# Is this a deal



## esaela (Jul 30, 2010)

+ + 
*Price For All Three: $344.51 *

Show availability and shipping details
Buy the selected items togetherThis item: 
Stanley 12-137 No.62 Low Angle Jack Plane by Stanley $122.56

Stanley 12-136 Bailey No.4 Smoothing Bench Plane by Stanley $146.95

Stanley 12-139 Bailey No.60-1/2 Low Angle Block Plane by Stanley $75.00

This is that Amazon has all three stanely sweetheart planes for what do you guys think? You can also get the 8 piece chesiel set for an extra 179.00 from amazon


----------



## racerglen (Oct 15, 2010)

Is this the "new" Stanley Sweetheart stuff ?


----------



## WayneC (Mar 8, 2007)

Yup…


----------



## esaela (Jul 30, 2010)

I believe it is the the new stanley sweet hart stuff here is the link to the page

http://www.amazon.com/Stanley-12-137-No-62-Angle-Plane/dp/B002B56CUY/ref=pd_sim_hi_3

Scrolldown to you see the three together


----------



## crank49 (Apr 7, 2010)

I just got the LA Jack about a month ago, on sale, for $139. Regular sources have it for $179 so your price looks good for the #62 and it's a nice plane in my opinion.

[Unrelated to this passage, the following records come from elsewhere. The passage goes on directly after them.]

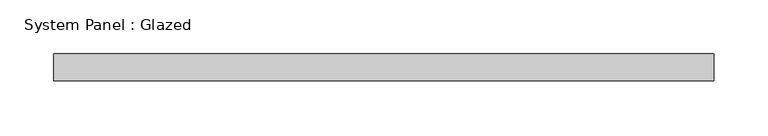
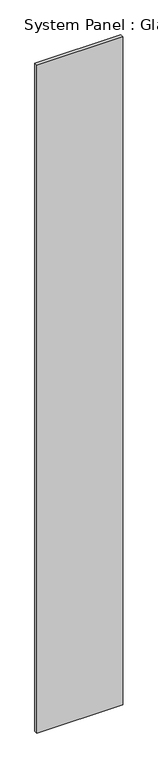
"""IFC4 building model written with IfcOpenShell, lengths in millimetres: plate geometry, System Panel : Glazed."""

from ifc_helpers import new_model, si_unit, origin, origin_with_axes, place, context, project, spatial, polyline, outline, extrude, source, transform, mapped, element, save


def system_panel_glazed_8a9bbf22(model_context):
    return source(origin(), model_context, "Body", "SweptSolid", [
        extrude(outline(polyline([(307.6922868, 19.05), (-307.6922868, 19.05), (-307.6922868, 44.45), (307.6922868, 44.45), (307.6922868, 19.05)])), origin_with_axes(), (0.0, 0.0, 1.0), 5054.6),
    ])


if __name__ == "__main__":
    model = new_model("IFC4")
    model_context = context("Model", 3, world=origin())
    ifc_project = project(units=[si_unit("LENGTHUNIT", "METRE", prefix="MILLI")], contexts=[model_context])
    site = spatial("IfcSite", under=ifc_project)
    building = spatial("IfcBuilding", under=site)
    placement = place(None, origin())
    system_panel_glazed_shape = system_panel_glazed_8a9bbf22(model_context)
    element("IfcPlate", 1, ObjectType="System Panel : Glazed", at=placement, inside=building, context=model_context, shape_type="MappedRepresentation", body=[
        mapped(system_panel_glazed_shape, transform((0.0, 0.0, 0.0), x_axis=(1.0, 0.0, 0.0), y_axis=(0.0, 1.0, 0.0), z_axis=(0.0, 0.0, 1.0))),
    ])
    save(model, "model.ifc")

# Revit data of these elements
# Type "System Panel : Glazed"
#   Construction Type Id = "GSP4R"
#   Analytic Construction = "1/8 in Pilkington single glazing"
#   Visual Light Transmittance = 0.9
#   Solar Heat Gain Coefficient = 0.86
#   Heat Transfer Coefficient (U) = 1.18115 BTU/(h·ft²·°F)
# Element 1 (IfcPlate, "System Panel : Glazed")
#   Materials on its faces: "Glass"
# Materials
#   "Glass": class "Glass", colour RGB 0 128 192, transparency 0.75, Description = "Soda Lime Glass", Cost = 0

The only other "Sweet Heart" plane I have is the #92 shoulder plane which I got on sale and with a discount for $70. I love it, I would have been happy with that plane even at the regular $100 price.

If that LA block is the "Sweet Heart" version, that's an good deal and a plane that everyone should have at least one of. Mine is just a standard older version.


----------



## Cosmicsniper (Oct 2, 2009)

It doesn't appear that you are getting any discount just because they are bundled. I would pass on them, unless you just needed all three of them and you have an affinity for them. You can find better planes for cheaper on eBay, especially if you are willing to fix-up some of the classics.

For example, I purchased a beautiful, pre-WWII Stanley No. 4 from eBay last week in really good condition for about $30 shipped. I was using it within an hour after pulling it from the box. Even if you wanted a new, thicker plane iron to put in it, it'd still be lots cheaper than the new No. 4.

Many of the newer Sweethearts aren't getting very good reviews, so you have to account for that as well. I know that I'm not all that pleased with my newer Stanley No. 92 shoulder plane. It just isn't finished all that well and it pretty much started to rust up shortly after pulling it from the box. It works though.


----------



## Cosmicsniper (Oct 2, 2009)

Looks like Crank snuck one in ahead of me. Of course, as with anything, your mileage may vary. But I think you have to be careful when approaching a "set" of these things. Some might be better than others. I would just look for alternatives…or approach the whole thing by need. But if those prices represent a "sale," then there's probably some good value to be had.


----------



## crank49 (Apr 7, 2010)

Yep, while those individual prices look okay, they don't appear to be great, especially as a bundle.

Jay, maybe the reason we have different opinions of the #92 shoulder is that mine was replacing an Anant POS and the Stanley is just so much better than what I have to compare it with.

I reallly want a Veritas bevel up smoother and it's not all that much more than the Amazon Stanley #4. I have an old ~1940s Stanley Bailey #4 from my dad.


----------



## reggiek (Jun 12, 2009)

Amazon does that alot….puts three things together when you are looking at an item. If you check, it is all the regular prices on each item….there is no deal for buying all three unless you get a savings on the shipping. Amazon has free shipping on most items anyway, unless they are from one of their "associated" vendors.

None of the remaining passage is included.